Now let's look at reverse mode.
### Reverse mode autodiff
Let's rewrite our toy framework to add reverse mode autodiff:
```{python}
class Const(object):
def __init__(self, value):
self.value = value
def evaluate(self):
return self.value
def backpropagate(self, gradient):
pass
def __str__(self):
return str(self.value)
class Var(object):
def __init__(self, name, init_value=0):
self.value = init_value
self.name = name
self.gradient = 0
def evaluate(self):
return self.value
def backpropagate(self, gradient):
self.gradient += gradient
def __str__(self):
return self.name
class BinaryOperator(object):
def __init__(self, a, b):
self.a = a
self.b = b
class Add(BinaryOperator):
def evaluate(self):
self.value = self.a.evaluate() + self.b.evaluate()
return self.value
def backpropagate(self, gradient):
self.a.backpropagate(gradient)
self.b.backpropagate(gradient)
def __str__(self):
return "{} + {}".format(self.a, self.b)
class Mul(BinaryOperator):
def evaluate(self):
self.value = self.a.evaluate() * self.b.evaluate()
return self.value
def backpropagate(self, gradient):
self.a.backpropagate(gradient * self.b.value)
self.b.backpropagate(gradient * self.a.value)
def __str__(self):
return "({}) * ({})".format(self.a, self.b)
```
```{python}
x = Var("x", init_value=3)
y = Var("y", init_value=4)
f = Add(Mul(Mul(x, x), y), Add(y, Const(2))) # f(x,y) = x²y + y + 2
result = f.evaluate()
f.backpropagate(1.0)
```
```{python}
print(f)
```
```{python}
result
```
```{python}
x.gradient
```
```{python}
y.gradient
```
Again, in this implementation the outputs are just numbers, not symbolic expressions, so we are limited to first order derivatives. However, we could have made the `backpropagate()` methods return symbolic expressions rather than values (e.g., return `Add(2,3)` rather than 5). This would make it possible to compute second order gradients (and beyond). This is what TensorFlow does, as do all the major libraries that implement autodiff.

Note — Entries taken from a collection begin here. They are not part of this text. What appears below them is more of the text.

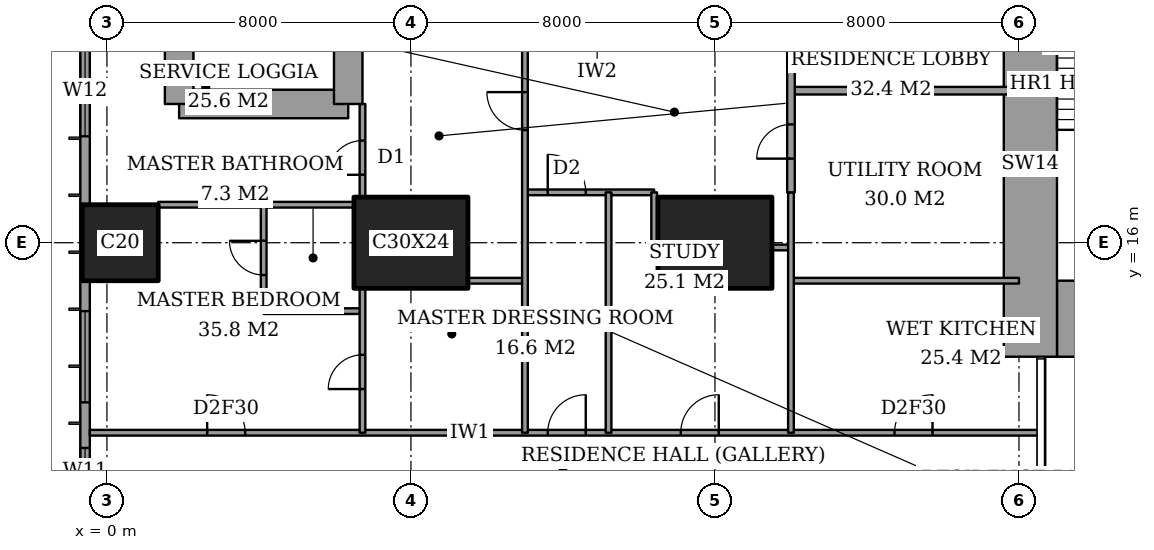
"""IFC4 building model, lengths in metres.
Left out: names, types, materials, properties, quantities, classifications, styles, units other than length and angle.
Written with IfcOpenShell. Run it as: python <this file> out.ifc"""

import sys

from ifc_helpers import new_model, si_unit, direction, frame, frame_2d, origin, origin_2d, place, context, subcontext, project, spatial, rectangle, extrude, element, fill, save


model = new_model("IFC4")
c1 = context("Model", 3, precision=1e-05, world=origin(), true_north=direction((0.0, 1.0)))
c2 = subcontext(c1, "Body", "Model", "MODEL_VIEW")
j1 = project(units=[si_unit("LENGTHUNIT", "METRE"), si_unit("PLANEANGLEUNIT", "RADIAN")], contexts=[c1])
p1 = place(None, origin())
s1 = spatial("IfcSite", under=j1, at=p1, CompositionType="ELEMENT")
p2 = place(p1, origin())
s2 = spatial("IfcBuilding", under=s1, at=p2, CompositionType="ELEMENT")
p3 = place(p2, frame((0.0, 0.0, 150.2)))
s3 = spatial("IfcBuildingStorey", under=s2, at=p3, CompositionType="ELEMENT", Elevation=150.2)
p4 = place(p3, frame((0.35, 16.0, 0.0), z_axis=(0.0, 0.0, 1.0), x_axis=(1.0, 0.0, 0.0)))
e1 = element("IfcColumn", 1, at=p4, inside=s3, PredefinedType="COLUMN", context=c2, shape_type="SweptSolid", body=[
    extrude(rectangle(XDim=2.0, YDim=2.0, at=origin_2d()), origin(), (0.0, 0.0, 1.0), 3.6),
])
for number, where, z_axis, x_axis in (
    (2, (8.0, 16.0, 0.0), (0.0, 0.0, 1.0), (1.0, 0.0, 0.0)),
    (3, (16.0, 16.0, 0.0), (0.0, 0.0, 1.0), (1.0, 0.0, 0.0)),
):
    element("IfcColumn", number, at=place(p3, frame(where, z_axis=z_axis, x_axis=x_axis)), inside=s3, PredefinedType="COLUMN", context=c2, shape_type="SweptSolid", body=[
        extrude(rectangle(XDim=3.0, YDim=2.4, at=origin_2d()), origin(), (0.0, 0.0, 1.0), 3.6),
    ])
p5 = place(p3, frame((25.0, 14.0, 0.0), z_axis=(0.0, 0.0, 1.0), x_axis=(1.0, 0.0, 0.0)))
e4 = element("IfcWall", 4, at=p5, inside=s3, PredefinedType="SHEAR", context=c2, shape_type="SweptSolid", body=[
    extrude(rectangle(XDim=3.15, YDim=2.0, at=frame_2d((1.575, 0.0))), origin(), (0.0, 0.0, 1.0), 3.6),
])
p6 = place(p3, frame((24.3, 13.0, 0.0), z_axis=(0.0, 0.0, 1.0), x_axis=(0.0, 1.0, 0.0)))
e5 = element("IfcWall", 5, at=p6, inside=s3, PredefinedType="SHEAR", context=c2, shape_type="SweptSolid", body=[
    extrude(rectangle(XDim=10.15, YDim=1.4, at=frame_2d((5.075, 0.0))), origin(), (0.0, 0.0, 1.0), 3.6),
])
p7 = place(p3, frame((1.9, 19.65, 0.0), z_axis=(0.0, 0.0, 1.0), x_axis=(1.0, 0.0, 0.0)))
e6 = element("IfcWall", 6, at=p7, inside=s3, PredefinedType="SHEAR", context=c2, shape_type="SweptSolid", body=[
    extrude(rectangle(XDim=4.45, YDim=0.75, at=frame_2d((2.225, 0.0))), origin(), (0.0, 0.0, 1.0), 3.6),
])
p8 = place(p3, frame((6.35, 19.65, 0.0), z_axis=(0.0, 0.0, 1.0), x_axis=(0.0, 1.0, 0.0)))
e7 = element("IfcWall", 7, at=p8, inside=s3, PredefinedType="SHEAR", context=c2, shape_type="SweptSolid", body=[
    extrude(rectangle(XDim=8.7, YDim=0.75, at=frame_2d((4.35, 0.0))), origin(), (0.0, 0.0, 1.0), 3.6),
])
p9 = place(p8, frame((6.725, 0.0, 0.0)))
e8 = element("IfcOpeningElement", 8, at=p9, cuts=e7, PredefinedType="OPENING", context=c2, shape_type="SweptSolid", body=[
    extrude(rectangle(XDim=1.0, YDim=2.1, at=frame_2d((0.5, 1.05))), frame((0.0, 0.385, 0.0), z_axis=(0.0, -1.0, 0.0), x_axis=(1.0, 0.0, 0.0)), (0.0, 0.0, 1.0), 0.77),
])
p10 = place(p3, frame((1.9, 28.35, 0.0), z_axis=(0.0, 0.0, 1.0), x_axis=(0.0, -1.0, 0.0)))
e9 = element("IfcWall", 9, at=p10, inside=s3, PredefinedType="SHEAR", context=c2, shape_type="SweptSolid", body=[
    extrude(rectangle(XDim=8.7, YDim=0.75, at=frame_2d((4.35, 0.0))), origin(), (0.0, 0.0, 1.0), 3.6),
])
p11 = place(p3, frame((-0.575, 44.825, 0.0), z_axis=(0.0, 0.0, 1.0), x_axis=(0.0, -1.0, 0.0)))
e10 = element("IfcWall", 10, at=p11, inside=s3, PredefinedType="SOLIDWALL", context=c2, shape_type="SweptSolid", body=[
    extrude(rectangle(XDim=41.65, YDim=0.25, at=frame_2d((20.825, 0.0))), origin(), (0.0, 0.0, 1.0), 3.6),
])
p12 = place(p11, frame((0.775, 0.0, 0.4)))
e11 = element("IfcOpeningElement", 11, at=p12, cuts=e10, PredefinedType="OPENING", context=c2, shape_type="SweptSolid", body=[
    extrude(rectangle(XDim=2.4, YDim=2.2, at=frame_2d((1.2, 1.1))), frame((0.0, 0.135, 0.0), z_axis=(0.0, -1.0, 0.0), x_axis=(1.0, 0.0, 0.0)), (0.0, 0.0, 1.0), 0.27),
])
p13 = place(p11, frame((6.1, 0.0, 0.4)))
e12 = element("IfcOpeningElement", 12, at=p13, cuts=e10, PredefinedType="OPENING", context=c2, shape_type="SweptSolid", body=[
    extrude(rectangle(XDim=1.2, YDim=2.2, at=frame_2d((0.6, 1.1))), frame((0.0, 0.135, 0.0), z_axis=(0.0, -1.0, 0.0), x_axis=(1.0, 0.0, 0.0)), (0.0, 0.0, 1.0), 0.27),
])
p14 = place(p11, frame((8.425, 0.0, 0.4)))
e13 = element("IfcOpeningElement", 13, at=p14, cuts=e10, PredefinedType="OPENING", context=c2, shape_type="SweptSolid", body=[
    extrude(rectangle(XDim=2.4, YDim=2.2, at=frame_2d((1.2, 1.1))), frame((0.0, 0.135, 0.0), z_axis=(0.0, -1.0, 0.0), x_axis=(1.0, 0.0, 0.0)), (0.0, 0.0, 1.0), 0.27),
])
p15 = place(p11, frame((15.625, 0.0, 0.4)))
e14 = element("IfcOpeningElement", 14, at=p15, cuts=e10, PredefinedType="OPENING", context=c2, shape_type="SweptSolid", body=[
    extrude(rectangle(XDim=2.4, YDim=2.2, at=frame_2d((1.2, 1.1))), frame((0.0, 0.135, 0.0), z_axis=(0.0, -1.0, 0.0), x_axis=(1.0, 0.0, 0.0)), (0.0, 0.0, 1.0), 0.27),
])
p16 = place(p11, frame((23.625, 0.0, 0.4)))
e15 = element("IfcOpeningElement", 15, at=p16, cuts=e10, PredefinedType="OPENING", context=c2, shape_type="SweptSolid", body=[
    extrude(rectangle(XDim=2.4, YDim=2.2, at=frame_2d((1.2, 1.1))), frame((0.0, 0.135, 0.0), z_axis=(0.0, -1.0, 0.0), x_axis=(1.0, 0.0, 0.0)), (0.0, 0.0, 1.0), 0.27),
])
p17 = place(p11, frame((30.625, 0.0, 0.4)))
e16 = element("IfcOpeningElement", 16, at=p17, cuts=e10, PredefinedType="OPENING", context=c2, shape_type="SweptSolid", body=[
    extrude(rectangle(XDim=2.4, YDim=2.2, at=frame_2d((1.2, 1.1))), frame((0.0, 0.135, 0.0), z_axis=(0.0, -1.0, 0.0), x_axis=(1.0, 0.0, 0.0)), (0.0, 0.0, 1.0), 0.27),
])
p18 = place(p11, frame((34.225, 0.0, 0.4)))
e17 = element("IfcOpeningElement", 17, at=p18, cuts=e10, PredefinedType="OPENING", context=c2, shape_type="SweptSolid", body=[
    extrude(rectangle(XDim=1.2, YDim=2.2, at=frame_2d((0.6, 1.1))), frame((0.0, 0.135, 0.0), z_axis=(0.0, -1.0, 0.0), x_axis=(1.0, 0.0, 0.0)), (0.0, 0.0, 1.0), 0.27),
])
p19 = place(p11, frame((38.475, 0.0, 0.4)))
e18 = element("IfcOpeningElement", 18, at=p19, cuts=e10, PredefinedType="OPENING", context=c2, shape_type="SweptSolid", body=[
    extrude(rectangle(XDim=2.4, YDim=2.2, at=frame_2d((1.2, 1.1))), frame((0.0, 0.135, 0.0), z_axis=(0.0, -1.0, 0.0), x_axis=(1.0, 0.0, 0.0)), (0.0, 0.0, 1.0), 0.27),
])
p20 = place(p3, frame((-0.45, 11.0, 0.0), z_axis=(0.0, 0.0, 1.0), x_axis=(1.0, 0.0, 0.0)))
e19 = element("IfcWall", 19, at=p20, inside=s3, PredefinedType="PARTITIONING", context=c2, shape_type="SweptSolid", body=[
    extrude(rectangle(XDim=25.011, YDim=0.15, at=frame_2d((12.505, 0.0))), origin(), (0.0, 0.0, 1.0), 3.35),
])
p21 = place(p20, frame((12.05, 0.0, 0.0)))
e20 = element("IfcOpeningElement", 20, at=p21, cuts=e19, PredefinedType="OPENING", context=c2, shape_type="SweptSolid", body=[
    extrude(rectangle(XDim=1.0, YDim=2.1, at=frame_2d((0.5, 1.05))), frame((0.0, 0.085, 0.0), z_axis=(0.0, -1.0, 0.0), x_axis=(1.0, 0.0, 0.0)), (0.0, 0.0, 1.0), 0.17),
])
p22 = place(p20, frame((3.087, 0.0, 0.0)))
e21 = element("IfcOpeningElement", 21, at=p22, cuts=e19, PredefinedType="OPENING", context=c2, shape_type="SweptSolid", body=[
    extrude(rectangle(XDim=1.0, YDim=2.1, at=frame_2d((0.5, 1.05))), frame((0.0, 0.085, 0.0), z_axis=(0.0, -1.0, 0.0), x_axis=(1.0, 0.0, 0.0)), (0.0, 0.0, 1.0), 0.17),
])
p23 = place(p20, frame((15.55, 0.0, 0.0)))
e22 = element("IfcOpeningElement", 22, at=p23, cuts=e19, PredefinedType="OPENING", context=c2, shape_type="SweptSolid", body=[
    extrude(rectangle(XDim=1.0, YDim=2.1, at=frame_2d((0.5, 1.05))), frame((0.0, 0.085, 0.0), z_axis=(0.0, -1.0, 0.0), x_axis=(1.0, 0.0, 0.0)), (0.0, 0.0, 1.0), 0.17),
])
p24 = place(p20, frame((21.175, 0.0, 0.0)))
e23 = element("IfcOpeningElement", 23, at=p24, cuts=e19, PredefinedType="OPENING", context=c2, shape_type="SweptSolid", body=[
    extrude(rectangle(XDim=1.0, YDim=2.1, at=frame_2d((0.5, 1.05))), frame((0.0, 0.085, 0.0), z_axis=(0.0, -1.0, 0.0), x_axis=(1.0, 0.0, 0.0)), (0.0, 0.0, 1.0), 0.17),
])
p25 = place(p3, frame((4.125, 14.2, 0.0), z_axis=(0.0, 0.0, 1.0), x_axis=(1.0, 0.0, 0.0)))
e24 = element("IfcWall", 24, at=p25, inside=s3, PredefinedType="PARTITIONING", context=c2, shape_type="SweptSolid", body=[
    extrude(rectangle(XDim=2.6, YDim=0.15, at=frame_2d((1.3, 0.0))), origin(), (0.0, 0.0, 1.0), 3.35),
])
p26 = place(p3, frame((9.5, 15.0, 0.0), z_axis=(0.0, 0.0, 1.0), x_axis=(1.0, 0.0, 0.0)))
e25 = element("IfcWall", 25, at=p26, inside=s3, PredefinedType="PARTITIONING", context=c2, shape_type="SweptSolid", body=[
    extrude(rectangle(XDim=1.5, YDim=0.15, at=frame_2d((0.75, 0.0))), origin(), (0.0, 0.0, 1.0), 3.35),
])
p27 = place(p3, frame((18.0, 15.0, 0.0), z_axis=(0.0, 0.0, 1.0), x_axis=(1.0, 0.0, 0.0)))
e26 = element("IfcWall", 26, at=p27, inside=s3, PredefinedType="PARTITIONING", context=c2, shape_type="SweptSolid", body=[
    extrude(rectangle(XDim=6.0, YDim=0.15, at=frame_2d((3.0, 0.0))), origin(), (0.0, 0.0, 1.0), 3.35),
])
p28 = place(p3, frame((17.5, 15.875, 0.0), z_axis=(0.0, 0.0, 1.0), x_axis=(1.0, 0.0, 0.0)))
e27 = element("IfcWall", 27, at=p28, inside=s3, PredefinedType="PARTITIONING", context=c2, shape_type="SweptSolid", body=[
    extrude(rectangle(XDim=0.5, YDim=0.15, at=frame_2d((0.25, 0.0))), origin(), (0.0, 0.0, 1.0), 2.634),
])
p29 = place(p3, frame((1.35, 17.0, 0.0), z_axis=(0.0, 0.0, 1.0), x_axis=(1.0, 0.0, 0.0)))
e28 = element("IfcWall", 28, at=p29, inside=s3, PredefinedType="PARTITIONING", context=c2, shape_type="SweptSolid", body=[
    extrude(rectangle(XDim=5.15, YDim=0.15, at=frame_2d((2.575, 0.0))), origin(), (0.0, 0.0, 1.0), 3.35),
])
p30 = place(p3, frame((11.0, 17.325, 0.0), z_axis=(0.0, 0.0, 1.0), x_axis=(1.0, 0.0, 0.0)))
e29 = element("IfcWall", 29, at=p30, inside=s3, PredefinedType="PARTITIONING", context=c2, shape_type="SweptSolid", body=[
    extrude(rectangle(XDim=3.4, YDim=0.15, at=frame_2d((1.7, 0.0))), origin(), (0.0, 0.0, 1.0), 3.35),
])
p31 = place(p30, frame((0.6, 0.0, 0.0)))
e30 = element("IfcOpeningElement", 30, at=p31, cuts=e29, PredefinedType="OPENING", context=c2, shape_type="SweptSolid", body=[
    extrude(rectangle(XDim=1.0, YDim=2.1, at=frame_2d((0.5, 1.05))), frame((0.0, 0.085, 0.0), z_axis=(0.0, -1.0, 0.0), x_axis=(1.0, 0.0, 0.0)), (0.0, 0.0, 1.0), 0.17),
])
p32 = place(p3, frame((18.0, 20.0, 0.0), z_axis=(0.0, 0.0, 1.0), x_axis=(1.0, 0.0, 0.0)))
e31 = element("IfcWall", 31, at=p32, inside=s3, PredefinedType="PARTITIONING", context=c2, shape_type="SweptSolid", body=[
    extrude(rectangle(XDim=6.0, YDim=0.2, at=frame_2d((3.0, 0.0))), origin(), (0.0, 0.0, 1.0), 3.35),
])
p33 = place(p3, frame((4.125, 14.2, 0.0), z_axis=(0.0, 0.0, 1.0), x_axis=(0.0, 1.0, 0.0)))
e32 = element("IfcWall", 32, at=p33, inside=s3, PredefinedType="PARTITIONING", context=c2, shape_type="SweptSolid", body=[
    extrude(rectangle(XDim=2.8, YDim=0.15, at=frame_2d((1.4, 0.0))), origin(), (0.0, 0.0, 1.0), 3.35),
])
p34 = place(p33, frame((0.95, 0.0, 0.0)))
e33 = element("IfcOpeningElement", 33, at=p34, cuts=e32, PredefinedType="OPENING", context=c2, shape_type="SweptSolid", body=[
    extrude(rectangle(XDim=0.9, YDim=2.1, at=frame_2d((0.45, 1.05))), frame((0.0, 0.085, 0.0), z_axis=(0.0, -1.0, 0.0), x_axis=(1.0, 0.0, 0.0)), (0.0, 0.0, 1.0), 0.17),
])
p35 = place(p3, frame((6.725, 11.0, 0.0), z_axis=(0.0, 0.0, 1.0), x_axis=(0.0, 1.0, 0.0)))
e34 = element("IfcWall", 34, at=p35, inside=s3, PredefinedType="PARTITIONING", context=c2, shape_type="SweptSolid", body=[
    extrude(rectangle(XDim=3.8, YDim=0.15, at=frame_2d((1.9, 0.0))), origin(), (0.0, 0.0, 1.0), 3.35),
])
p36 = place(p35, frame((1.15, 0.0, 0.0)))
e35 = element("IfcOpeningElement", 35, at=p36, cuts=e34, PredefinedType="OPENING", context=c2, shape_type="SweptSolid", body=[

### Reverse mode autodiff using TensorFlow
```{python}
import tensorflow as tf
```
```{python}
x = tf.Variable(3.)
y = tf.Variable(4.)
with tf.GradientTape() as tape:
f = x*x*y + y + 2
jacobians = tape.gradient(f, [x, y])
jacobians
```
Since everything is symbolic, we can compute second order derivatives, and beyond:
```{python}
x = tf.Variable(3.)
y = tf.Variable(4.)
with tf.GradientTape(persistent=True) as tape:
f = x*x*y + y + 2
df_dx, df_dy = tape.gradient(f, [x, y])
d2f_d2x, d2f_dydx = tape.gradient(df_dx, [x, y])
d2f_dxdy, d2f_d2y = tape.gradient(df_dy, [x, y])
del tape
hessians = [[d2f_d2x, d2f_dydx], [d2f_dxdy, d2f_d2y]]
hessians
```
Note that when we compute the derivative of a tensor with regards to a variable that it does not depend on, instead of returning 0.0, the `gradient()` function returns `None`.
And that's all folks! Hope you enjoyed this notebook.